A tragedy over a man highlights a problem.

An L & I worker takes down crime scene tape after a hit-and-run and a house fire on the 4400 block of Wingohocking St., in the Nicetown neighborhood of Philadelphia on April 17, 2015.  ( Yong Kim / Staff Photographer )
An L & I worker takes down crime scene tape after a hit-and-run and a house fire on the 4400 block of Wingohocking St., in the Nicetown neighborhood of Philadelphia on April 17, 2015. ( Yong Kim / Staff Photographer )Read more

THE DETAILS of an incident that left a Philadelphia woman maimed Friday were horrifying.

A 24-year-old woman was run over, allegedly by a 29-year-old romantic rival, and had to have part of her leg amputated.

In the chaos, her mother, who had been cooking when all hell broke loose in front of their Nicetown home, raced to help her daughter and left the food on the stove, and their home went up in flames.

A family lost their home, a woman lost part of her leg, and another was arrested on two counts of attempted murder and is now in jail.

And for what?

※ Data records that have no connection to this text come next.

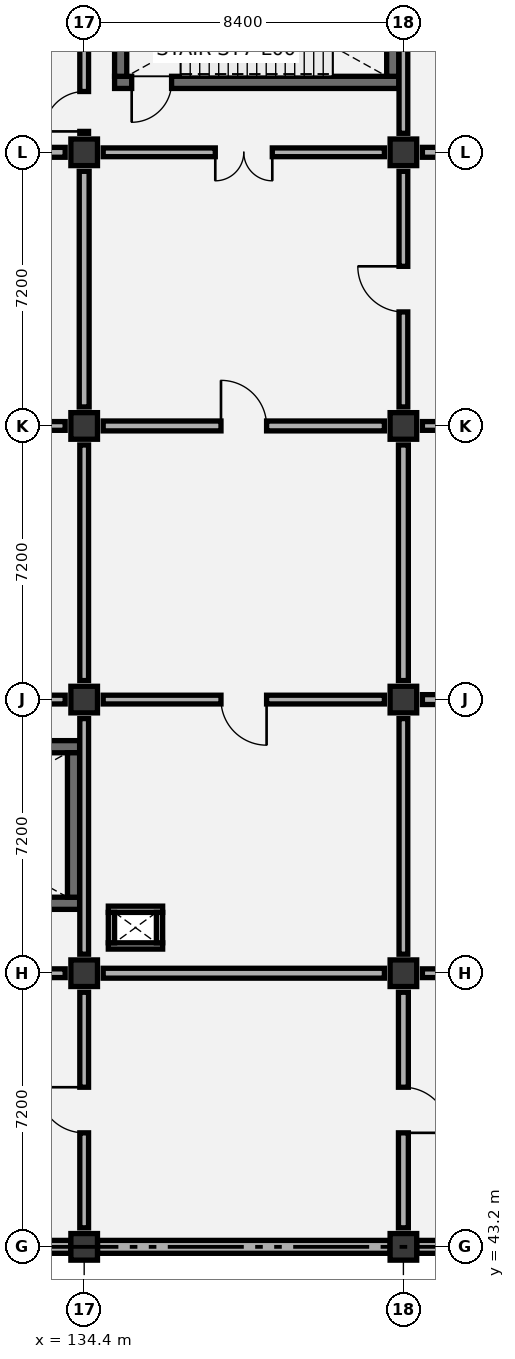
"""IFC4 building model, lengths in metres.
Left out: names, types, materials, properties, quantities, classifications, styles, units other than length and angle.
Written with IfcOpenShell. Run it as: python <this file> out.ifc"""

import sys

from ifc_helpers import new_model, si_unit, direction, frame, frame_2d, origin, origin_2d, place, context, subcontext, project, spatial, rectangle, extrude, element, fill, save


model = new_model("IFC4")
c1 = context("Model", 3, precision=1e-05, world=origin(), true_north=direction((0.0, 1.0)))
c2 = subcontext(c1, "Body", "Model", "MODEL_VIEW")
j1 = project(units=[si_unit("LENGTHUNIT", "METRE"), si_unit("PLANEANGLEUNIT", "RADIAN")], contexts=[c1])
p1 = place(None, origin())
s1 = spatial("IfcSite", under=j1, at=p1, CompositionType="ELEMENT")
p2 = place(p1, origin())
s2 = spatial("IfcBuilding", under=s1, at=p2, CompositionType="ELEMENT")
p3 = place(p2, origin())
s3 = spatial("IfcBuildingStorey", under=s2, at=p3, CompositionType="ELEMENT", Elevation=0.0)
for number, where, z_axis, x_axis in (
    (1, (134.4, 43.2, 0.0), (0.0, 0.0, 1.0), (1.0, 0.0, 0.0)),
    (2, (134.4, 50.4, 0.0), (0.0, 0.0, 1.0), (1.0, 0.0, 0.0)),
    (3, (134.4, 57.6, 0.0), (0.0, 0.0, 1.0), (1.0, 0.0, 0.0)),
    (4, (134.4, 64.8, 0.0), (0.0, 0.0, 1.0), (1.0, 0.0, 0.0)),
    (5, (134.4, 72.0, 0.0), (0.0, 0.0, 1.0), (1.0, 0.0, 0.0)),
    (6, (142.8, 43.2, 0.0), (0.0, 0.0, 1.0), (1.0, 0.0, 0.0)),
    (7, (142.8, 50.4, 0.0), (0.0, 0.0, 1.0), (1.0, 0.0, 0.0)),
    (8, (142.8, 57.6, 0.0), (0.0, 0.0, 1.0), (1.0, 0.0, 0.0)),
    (9, (142.8, 64.8, 0.0), (0.0, 0.0, 1.0), (1.0, 0.0, 0.0)),
    (10, (142.8, 72.0, 0.0), (0.0, 0.0, 1.0), (1.0, 0.0, 0.0)),
):
    element("IfcColumn", number, at=place(p3, frame(where, z_axis=z_axis, x_axis=x_axis)), inside=s3, PredefinedType="COLUMN", context=c2, shape_type="SweptSolid", body=[
        extrude(rectangle(XDim=0.7, YDim=0.7, at=origin_2d()), origin(), (0.0, 0.0, 1.0), 6.0),
    ])
p4 = place(p3, frame((126.8, 52.24, 0.0), z_axis=(0.0, 0.0, 1.0), x_axis=(1.0, 0.0, 0.0)))
e11 = element("IfcWall", 11, at=p4, inside=s3, PredefinedType="SHEAR", context=c2, shape_type="SweptSolid", body=[
    extrude(rectangle(XDim=7.48, YDim=0.32, at=frame_2d((3.74, 0.0))), origin(), (0.0, 0.0, 1.0), 5.675),
])
p5 = place(p4, frame((0.45, 0.0, 0.0)))
e12 = element("IfcOpeningElement", 12, at=p5, cuts=e11, PredefinedType="OPENING", context=c2, shape_type="SweptSolid", body=[
    extrude(rectangle(XDim=1.05, YDim=2.15, at=frame_2d((0.525, 1.075))), frame((0.0, 0.17, 0.0), z_axis=(0.0, -1.0, 0.0), x_axis=(1.0, 0.0, 0.0)), (0.0, 0.0, 1.0), 0.34),
])
p6 = place(p3, frame((126.8, 56.36, 0.0), z_axis=(0.0, 0.0, 1.0), x_axis=(1.0, 0.0, 0.0)))
e13 = element("IfcWall", 13, at=p6, inside=s3, PredefinedType="SHEAR", context=c2, shape_type="SweptSolid", body=[
    extrude(rectangle(XDim=7.48, YDim=0.32, at=frame_2d((3.74, 0.0))), origin(), (0.0, 0.0, 1.0), 5.675),
])
p7 = place(p3, frame((134.12, 52.4, 0.0), z_axis=(0.0, 0.0, 1.0), x_axis=(0.0, 1.0, 0.0)))
e14 = element("IfcWall", 14, at=p7, inside=s3, PredefinedType="SHEAR", context=c2, shape_type="SweptSolid", body=[
    extrude(rectangle(XDim=3.8, YDim=0.32, at=frame_2d((1.9, 0.0))), origin(), (0.0, 0.0, 1.0), 5.675),
])
p8 = place(p3, frame((135.2, 73.84, 0.0), z_axis=(0.0, 0.0, 1.0), x_axis=(1.0, 0.0, 0.0)))
e15 = element("IfcWall", 15, at=p8, inside=s3, PredefinedType="SHEAR", context=c2, shape_type="SweptSolid", body=[
    extrude(rectangle(XDim=7.48, YDim=0.32, at=frame_2d((3.74, 0.0))), origin(), (0.0, 0.0, 1.0), 5.675),
])
p9 = place(p8, frame((0.45, 0.0, 0.0)))
e16 = element("IfcOpeningElement", 16, at=p9, cuts=e15, PredefinedType="OPENING", context=c2, shape_type="SweptSolid", body=[
    extrude(rectangle(XDim=1.05, YDim=2.15, at=frame_2d((0.525, 1.075))), frame((0.0, 0.17, 0.0), z_axis=(0.0, -1.0, 0.0), x_axis=(1.0, 0.0, 0.0)), (0.0, 0.0, 1.0), 0.34),
])
for number, where, z_axis, x_axis in (
    (17, (135.36, 74.0, 0.0), (0.0, 0.0, 1.0), (0.0, 1.0, 0.0)),
    (18, (142.52, 74.0, 0.0), (0.0, 0.0, 1.0), (0.0, 1.0, 0.0)),
):
    element("IfcWall", number, at=place(p3, frame(where, z_axis=z_axis, x_axis=x_axis)), inside=s3, PredefinedType="SHEAR", context=c2, shape_type="SweptSolid", body=[
        extrude(rectangle(XDim=3.8, YDim=0.32, at=frame_2d((1.9, 0.0))), origin(), (0.0, 0.0, 1.0), 5.675),
    ])
for number, where, z_axis, x_axis in (
    (19, (126.35, 43.2, 0.0), (0.0, 0.0, 1.0), (1.0, 0.0, 0.0)),
    (20, (134.75, 43.2, 0.0), (0.0, 0.0, 1.0), (1.0, 0.0, 0.0)),
):
    element("IfcWall", number, at=place(p3, frame(where, z_axis=z_axis, x_axis=x_axis)), inside=s3, PredefinedType="SOLIDWALL", context=c2, shape_type="SweptSolid", body=[
        extrude(rectangle(XDim=7.7, YDim=0.34, at=frame_2d((3.85, 0.0))), origin(), (0.0, 0.0, 1.0), 5.02),
    ])
p10 = place(p3, frame((143.15, 43.2, 0.0), z_axis=(0.0, 0.0, 1.0), x_axis=(1.0, 0.0, 0.0)))
e21 = element("IfcWall", 21, at=p10, inside=s3, PredefinedType="SOLIDWALL", context=c2, shape_type="SweptSolid", body=[
    extrude(rectangle(XDim=7.7, YDim=0.34, at=frame_2d((3.85, 0.0))), origin(), (0.0, 0.0, 1.0), 5.02),
])
for number, where, z_axis, x_axis in (
    (22, (135.035, 51.117, 0.0), (0.0, 0.0, 1.0), (1.0, 0.0, 0.0)),
    (23, (135.035, 52.083, 0.0), (0.0, 0.0, 1.0), (1.0, 0.0, 0.0)),
):
    element("IfcWall", number, at=place(p3, frame(where, z_axis=z_axis, x_axis=x_axis)), inside=s3, PredefinedType="PARTITIONING", context=c2, shape_type="SweptSolid", body=[
        extrude(rectangle(XDim=1.43, YDim=0.165, at=frame_2d((0.715, 0.0))), origin(), (0.0, 0.0, 1.0), 5.675),
    ])
for number, where, z_axis, x_axis in (
    (24, (135.117, 51.2, 0.0), (0.0, 0.0, 1.0), (0.0, 1.0, 0.0)),
    (25, (136.383, 51.2, 0.0), (0.0, 0.0, 1.0), (0.0, 1.0, 0.0)),
):
    element("IfcWall", number, at=place(p3, frame(where, z_axis=z_axis, x_axis=x_axis)), inside=s3, PredefinedType="PARTITIONING", context=c2, shape_type="SweptSolid", body=[
        extrude(rectangle(XDim=0.8, YDim=0.165, at=frame_2d((0.4, 0.0))), origin(), (0.0, 0.0, 1.0), 5.675),
    ])
p11 = place(p3, frame((134.4, 43.7, 0.0), z_axis=(0.0, 0.0, 1.0), x_axis=(0.0, 1.0, 0.0)))
e26 = element("IfcWall", 26, at=p11, inside=s3, PredefinedType="PARTITIONING", context=c2, shape_type="SweptSolid", body=[
    extrude(rectangle(XDim=6.2, YDim=0.23, at=frame_2d((3.1, 0.0))), origin(), (0.0, 0.0, 1.0), 5.17),
])
p12 = place(p11, frame((2.5, 0.0, 0.0)))
e27 = element("IfcOpeningElement", 27, at=p12, cuts=e26, PredefinedType="OPENING", context=c2, shape_type="SweptSolid", body=[
    extrude(rectangle(XDim=1.2, YDim=2.1, at=frame_2d((0.6, 1.05))), frame((0.0, 0.125, 0.0), z_axis=(0.0, -1.0, 0.0), x_axis=(1.0, 0.0, 0.0)), (0.0, 0.0, 1.0), 0.25),
])
p13 = place(p3, frame((126.5, 50.4, 0.0), z_axis=(0.0, 0.0, 1.0), x_axis=(1.0, 0.0, 0.0)))
e28 = element("IfcWall", 28, at=p13, inside=s3, PredefinedType="PARTITIONING", context=c2, shape_type="SweptSolid", body=[
    extrude(rectangle(XDim=7.4, YDim=0.23, at=frame_2d((3.7, 0.0))), origin(), (0.0, 0.0, 1.0), 4.87),
])
p14 = place(p13, frame((2.95, 0.0, 0.0)))
e29 = element("IfcOpeningElement", 29, at=p14, cuts=e28, PredefinedType="OPENING", context=c2, shape_type="SweptSolid", body=[
    extrude(rectangle(XDim=1.5, YDim=2.15, at=frame_2d((0.75, 1.075))), frame((0.0, 0.125, 0.0), z_axis=(0.0, -1.0, 0.0), x_axis=(1.0, 0.0, 0.0)), (0.0, 0.0, 1.0), 0.25),
])
p15 = place(p3, frame((134.4, 50.9, 0.0), z_axis=(0.0, 0.0, 1.0), x_axis=(0.0, 1.0, 0.0)))
e30 = element("IfcWall", 30, at=p15, inside=s3, PredefinedType="PARTITIONING", context=c2, shape_type="SweptSolid", body=[
    extrude(rectangle(XDim=6.2, YDim=0.23, at=frame_2d((3.1, 0.0))), origin(), (0.0, 0.0, 1.0), 4.92),
])
p16 = place(p3, frame((126.5, 57.6, 0.0), z_axis=(0.0, 0.0, 1.0), x_axis=(1.0, 0.0, 0.0)))
e31 = element("IfcWall", 31, at=p16, inside=s3, PredefinedType="PARTITIONING", context=c2, shape_type="SweptSolid", body=[
    extrude(rectangle(XDim=7.4, YDim=0.23, at=frame_2d((3.7, 0.0))), origin(), (0.0, 0.0, 1.0), 4.87),
])
p17 = place(p3, frame((134.4, 58.1, 0.0), z_axis=(0.0, 0.0, 1.0), x_axis=(0.0, 1.0, 0.0)))
e32 = element("IfcWall", 32, at=p17, inside=s3, PredefinedType="PARTITIONING", context=c2, shape_type="SweptSolid", body=[
    extrude(rectangle(XDim=6.2, YDim=0.23, at=frame_2d((3.1, 0.0))), origin(), (0.0, 0.0, 1.0), 5.27),
])
p18 = place(p3, frame((126.5, 64.8, 0.0), z_axis=(0.0, 0.0, 1.0), x_axis=(1.0, 0.0, 0.0)))
e33 = element("IfcWall", 33, at=p18, inside=s3, PredefinedType="PARTITIONING", context=c2, shape_type="SweptSolid", body=[
    extrude(rectangle(XDim=7.4, YDim=0.23, at=frame_2d((3.7, 0.0))), origin(), (0.0, 0.0, 1.0), 4.87),
])
p19 = place(p18, frame((3.1, 0.0, 0.0)))
e34 = element("IfcOpeningElement", 34, at=p19, cuts=e33, PredefinedType="OPENING", context=c2, shape_type="SweptSolid", body=[
    extrude(rectangle(XDim=1.2, YDim=2.1, at=frame_2d((0.6, 1.05))), frame((0.0, 0.125, 0.0), z_axis=(0.0, -1.0, 0.0), x_axis=(1.0, 0.0, 0.0)), (0.0, 0.0, 1.0), 0.25),
])
p20 = place(p3, frame((134.4, 65.3, 0.0), z_axis=(0.0, 0.0, 1.0), x_axis=(0.0, 1.0, 0.0)))
e35 = element("IfcWall", 35, at=p20, inside=s3, PredefinedType="PARTITIONING", context=c2, shape_type="SweptSolid", body=[
    extrude(rectangle(XDim=6.2, YDim=0.26, at=frame_2d((3.1, 0.0))), origin(), (0.0, 0.0, 1.0), 4.92),
])
p21 = place(p3, frame((126.5, 72.0, 0.0), z_axis=(0.0, 0.0, 1.0), x_axis=(1.0, 0.0, 0.0)))
e36 = element("IfcWall", 36, at=p21, inside=s3, PredefinedType="PARTITIONING", context=c2, shape_type="SweptSolid", body=[
    extrude(rectangle(XDim=7.4, YDim=0.26, at=frame_2d((3.7, 0.0))), origin(), (0.0, 0.0, 1.0), 4.87),
])
p22 = place(p21, frame((3.1, 0.0, 0.0)))
e37 = element("IfcOpeningElement", 37, at=p22, cuts=e36, PredefinedType="OPENING", context=c2, shape_type="SweptSolid", body=[
    extrude(rectangle(XDim=1.2, YDim=2.1, at=frame_2d((0.6, 1.05))), frame((0.0, 0.14, 0.0), z_axis=(0.0, -1.0, 0.0), x_axis=(1.0, 0.0, 0.0)), (0.0, 0.0, 1.0), 0.28),
])
p23 = place(p3, frame((134.4, 72.5, 0.0), z_axis=(0.0, 0.0, 1.0), x_axis=(0.0, 1.0, 0.0)))
e38 = element("IfcWall", 38, at=p23, inside=s3, PredefinedType="PARTITIONING", context=c2, shape_type="SweptSolid", body=[
    extrude(rectangle(XDim=6.2, YDim=0.23, at=frame_2d((3.1, 0.0))), origin(), (0.0, 0.0, 1.0), 5.38),
])
p24 = place(p23, frame((0.05, 0.0, 0.0)))
e39 = element("IfcOpeningElement", 39, at=p24, cuts=e38, PredefinedType="OPENING", context=c2, shape_type="SweptSolid", body=[
    extrude(rectangle(XDim=1.05, YDim=2.15, at=frame_2d((0.525, 1.075))), frame((0.0, 0.125, 0.0), z_axis=(0.0, -1.0, 0.0), x_axis=(1.0, 0.0, 0.0)), (0.0, 0.0, 1.0), 0.25),
])
p25 = place(p3, frame((142.8, 43.7, 0.0), z_axis=(0.0, 0.0, 1.0), x_axis=(0.0, 1.0, 0.0)))
e40 = element("IfcWall", 40, at=p25, inside=s3, PredefinedType="PARTITIONING", context=c2, shape_type="SweptSolid", body=[
    extrude(rectangle(XDim=6.2, YDim=0.26, at=frame_2d((3.1, 0.0))), origin(), (0.0, 0.0, 1.0), 4.92),
])
p26 = place(p25, frame((2.5, 0.0, 0.0)))
e41 = element("IfcOpeningElement", 41, at=p26, cuts=e40, PredefinedType="OPENING", context=c2, shape_type="SweptSolid", body=[
    extrude(rectangle(XDim=1.2, YDim=2.1, at=frame_2d((0.6, 1.05))), frame((0.0, 0.14, 0.0), z_axis=(0.0, -1.0, 0.0), x_axis=(1.0, 0.0, 0.0)), (0.0, 0.0, 1.0), 0.28),
])
p27 = place(p3, frame((134.9, 50.4, 0.0), z_axis=(0.0, 0.0, 1.0), x_axis=(1.0, 0.0, 0.0)))
e42 = element("IfcWall", 42, at=p27, inside=s3, PredefinedType="PARTITIONING", context=c2, shape_type="SweptSolid", body=[
    extrude(rectangle(XDim=7.4, YDim=0.26, at=frame_2d((3.7, 0.0))), origin(), (0.0, 0.0, 1.0), 4.87),
])
p28 = place(p3, frame((142.8, 50.9, 0.0), z_axis=(0.0, 0.0, 1.0), x_axis=(0.0, 1.0, 0.0)))
e43 = element("IfcWall", 43, at=p28, inside=s3, PredefinedType="PARTITIONING", context=c2, shape_type="SweptSolid", body=[
    extrude(rectangle(XDim=6.2, YDim=0.23, at=frame_2d((3.1, 0.0))), origin(), (0.0, 0.0, 1.0), 5.27),
])
p29 = place(p3, frame((134.9, 57.6, 0.0), z_axis=(0.0, 0.0, 1.0), x_axis=(1.0, 0.0, 0.0)))
e44 = element("IfcWall", 44, at=p29, inside=s3, PredefinedType="PARTITIONING", context=c2, shape_type="SweptSolid", body=[
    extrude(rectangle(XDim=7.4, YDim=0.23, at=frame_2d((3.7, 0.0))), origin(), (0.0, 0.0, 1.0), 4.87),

A "man."

That's a term I'm using loosely because men in the middle of these "love" triangles aren't men. They're creeps. Losers unworthy of any woman's love, let alone ruining lives over.

But by all means, fellow females, let's continue to hand these fools our love, our power, and in one woman's case, her freedom.

There is a lot of talk these days of women knowing their worth, of leaning in, owning their place in the world. And that's fabulous, but incidents like this show some women have been left behind in the national conversation on self-worth and respect.

Barely a week goes by when I'm not hearing some young woman on her cellphone or talking to friends about some bitch or ho trying to take her man.

A little bit of me dies every time I hear this nonsense. Some of it is adolescent noise - until it isn't. Like in Chicago last year, a Facebook fight over a boy led a 14-year-old girl to shoot and kill another 14-year-old girl. Like two years before that when a 10-year-old girl died after a brawl over a boy. Like when you Google "girls fight over boys" and hundreds of thousands of results come up on YouTube.

Too many young women are settling for less because they don't believe that they deserve more. Because they are growing up with no one telling or showing them different. Because somewhere along the line, they've turned to outsiders to determine their worth.

After President Obama announced the "My Brother's Keeper" program for young men of color, more than 1,000 women of color signed a letter calling for gender equality in the program. Why? Because young women of color are living in the same households where these young men of color are struggling. Because without recognizing and tending to the girls' needs, any progress is temporary.

Because, as I've written in the past, women hold the key to their success and the success of their communities - if they only realized how much power they have. If we only helped them realize that power.

Alysia Lee, founder of the all-girls Sister Cities Girlchoir, said she thought of her girls as soon as she heard about the incident in Nicetown. Girls are bombarded with so much negativity these days, Lee said, from women fighting over men on reality television to women having to fend off unwanted comments from creeps on the streets.

"This issue comes up a lot in our conversations," she said. "And what is clear is that these young girls are in desperate need of support and encouragement."

A few years ago, Cheryl Ann Wadlington, executive director of the Evoluer House, a nonprofit organization that empowers girls, conducted a survey. A majority of the girls who took it wanted to look like Beyonce "because she had a big butt and blond hair . . . and that's what guys wanted."

Beyonce also said "Put a Ring on It," but not enough girls pay attention to that.

What that says about some of our young girls is depressing. What it says about the messages we're sending these girls should make us ashamed of ourselves.

"The issues young women face have always been invisible," Wadlington said. "It's only a matter of time before [they] explode."

Some of those issues exploded on a Nicetown street the other day.